1. A shoe with an elastic member in the bottom, wherein the elastic member includes an elastic cap made of a material that is more elastic than the other portions around where the elastic cap is installed, a conical seating groove that is formed in the elastic cap, and a spring that is formed separately from the elastic cap in a conical shape the same as the conical shape of the seating groove and inserted in the seating groove of the elastic cap.

2. The shoe with an elastic member according to claim 1, wherein the shoe is a shoe with a heel, the heel has a space therein, such that a sub-heel that moves inward/outward from the bottom of the heel is inserted in the space and the elastic member that is compressed by the sub-heel is positioned on the sub-heel.

3. A shoe with an elastic member in the bottom, wherein the elastic member includes conical seating grooves formed in any one of an insole, a midsole, and an outsole of the shoe, and a spring formed in a conical shape the same as the conical shape of the seating grooves to be seated in the seating grooves, and inserted in the seating grooves.

4. The shoe with an elastic member according to claim 1, wherein an air channel that connects the inside of the shoe where a foot is positioned, or the outside of the shoe with the seating grooves is formed in the bottom of the shoe.
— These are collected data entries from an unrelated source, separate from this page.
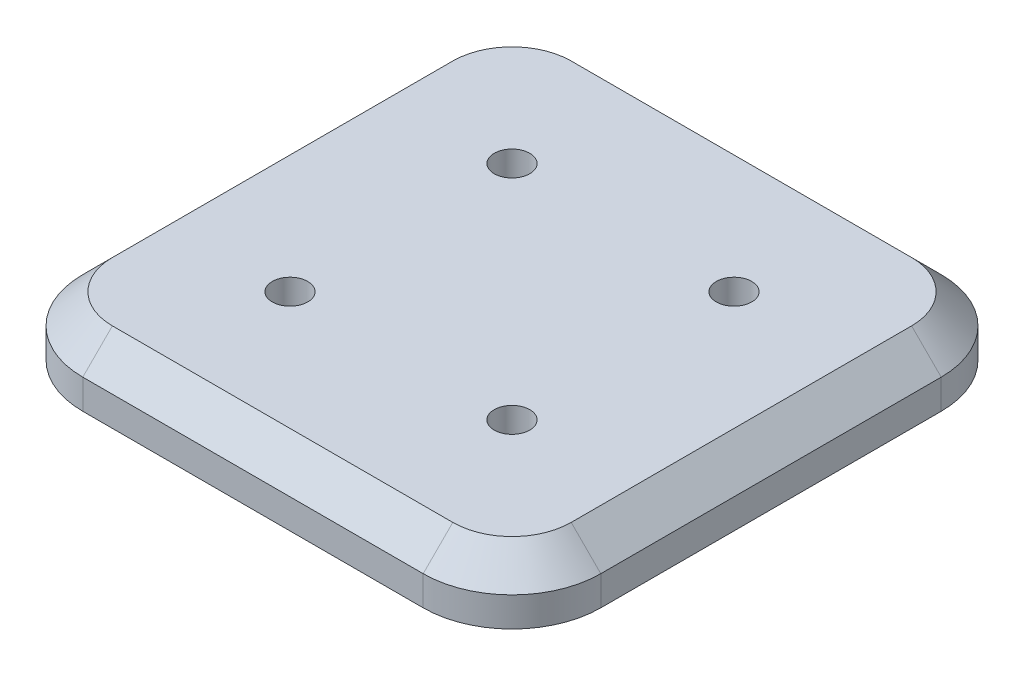
SolidWorks part; units mm, degrees
material "Plain Carbon Steel"
ref_plane "Front Plane" through (0, 0, 0) normal (0, 0, 1) x (1, 0, 0)
ref_plane "Top Plane" through (0, 0, 0) normal (0, 1, 0) x (1, 0, 0)
ref_plane "Right Plane" through (0, 0, 0) normal (1, 0, 0) x (0, 0, -1)
sketch "Base Plate Sketch 175x175" plane through (0, 0, 0) normal (0, 1, 0) x (1, 0, 0)
  line L1 (-87.5, -87.5) -> (87.5, -87.5)
  line L2 (-87.5, -87.5) -> (-87.5, 87.5)
  line L3 (-87.5, 87.5) -> (87.5, 87.5)
  line L4 (87.5, -87.5) -> (87.5, 87.5)
  line L5 (-87.5, -87.5) -> (87.5, 87.5) construction
  line L6 (-87.5, 87.5) -> (87.5, -87.5) construction
  point P0 (0, 0)
  dimension "D1" = 175
  dimension "D2" = 175
extrude "Base Plate" add sketch "Base Plate Sketch 175x175" along normal blind 20
fillet "Corner Fillets R30" radius 30 4 edges at (-87.5, 10, -87.5) (87.5, 10, -87.5) (87.5, 10, 87.5) (-87.5, 10, 87.5)
chamfer "Edge Chamfer 10x45" distance 10 angle 45 8 edges at (0, 20, -87.5) (-78.7132, 20, -78.7132) (78.7132, 20, -78.7132) (-87.5, 20, 0) (87.5, 20, 0) (-78.7132, 20, 78.7132) (78.7132, 20, 78.7132) (0, 20, 87.5)
sketch "Inner Dowel Layout 75x75" plane through (0, 20, 0) normal (0, 1, 0) x (1, 0, 0)
  line L1 (-37.5, -37.5) -> (37.5, -37.5)
  line L2 (-37.5, -37.5) -> (-37.5, 37.5)
  line L3 (-37.5, 37.5) -> (37.5, 37.5)
  line L4 (37.5, -37.5) -> (37.5, 37.5)
  line L5 (-37.5, -37.5) -> (37.5, 37.5) construction
  line L6 (-37.5, 37.5) -> (37.5, -37.5) construction
  point P0 (0, 0)
  dimension "D1" = 75
  dimension "D2" = 75
hole_wizard "Dowel Holes Ø12 Inner" positions "3DSketch1" profile "Sketch3" hole size "Ø12.0" standard "ANSI Metric"
sketch3d "3DSketch1"
  point P0 (-37.5, 20, -37.5)
  point P3 (37.5, 20, -37.5)
  point P6 (37.5, 20, 37.5)
  point P9 (-37.5, 20, 37.5)
sketch "Sketch3" plane through (-37.5, 20, -37.5) normal (1, 0, 0) x (0, 0, 1)
  line L0 (0, 0) -> (0, 13.6052)
  line L1 (0, 13.6052) -> (6, 10)
  line L2 (6, 10) -> (6, 0)
  line L5 (6, 0) -> (0, 0)
  line L10 (0, 13.6052) -> (-6, 10) construction
  line L11 (0, -6.35) -> (0, 107.95) construction
  dimension "Hole Dia." = 12
  dimension "Hole Depth" = 10
  dimension "Drill Angle" = 118
sketch "Outer Dowel Layout 125x125" plane through (0, 0, 0) normal (0, -1, 0) x (1, 0, 0)
  line L1 (-62.5, -62.5) -> (62.5, -62.5)
  line L2 (-62.5, -62.5) -> (-62.5, 62.5)
  line L3 (-62.5, 62.5) -> (62.5, 62.5)
  line L4 (62.5, -62.5) -> (62.5, 62.5)
  line L5 (-62.5, -62.5) -> (62.5, 62.5) construction
  line L6 (-62.5, 62.5) -> (62.5, -62.5) construction
  point P0 (0, 0)
  dimension "D1" = 125
  dimension "D2" = 125
hole_wizard "Dowel Holes Ø12 Outer" positions "3DSketch2" profile "Sketch5" hole size "Ø12.0" standard "ANSI Metric"
sketch3d "3DSketch2"
  point P0 (-62.5, 0, 62.5)
  point P3 (62.5, 0, 62.5)
  point P6 (62.5, 0, -62.5)
  point P9 (-62.5, 0, -62.5)
sketch "Sketch5" plane through (-62.5, 0, 62.5) normal (1, 0, 0) x (0, 0, -1)
  line L0 (0, 0) -> (0, 13.6052)
  line L1 (0, 13.6052) -> (6, 10)
  line L2 (6, 10) -> (6, 0)
  line L5 (6, 0) -> (0, 0)
  line L10 (0, 13.6052) -> (-6, 10) construction
  line L11 (0, -6.35) -> (0, 107.95) construction
  dimension "Hole Dia." = 12
  dimension "Hole Depth" = 10
  dimension "Drill Angle" = 118

5. The shoe with an elastic member according to claim 1, wherein a transparent window is formed such that the spring in the seating grooves is seen from the outside of the shoe.

6. The shoe with an elastic member according to claim 2, wherein an air channel that connects the inside of the shoe where a foot is positioned, or the outside of the shoe with the seating grooves is formed in the bottom of the shoe.

7. The shoe with an elastic member according to claim 3, wherein an air channel that connects the inside of the shoe where a foot is positioned, or the outside of the shoe with the seating grooves is formed in the bottom of the shoe.

8. The shoe with an elastic member according to claim 2, wherein a transparent window is formed such that the spring in the seating grooves is seen from the outside of the shoe.

9. The shoe with an elastic member according to claim 3, wherein a transparent window is formed such that the spring in the seating grooves is seen from the outside of the shoe.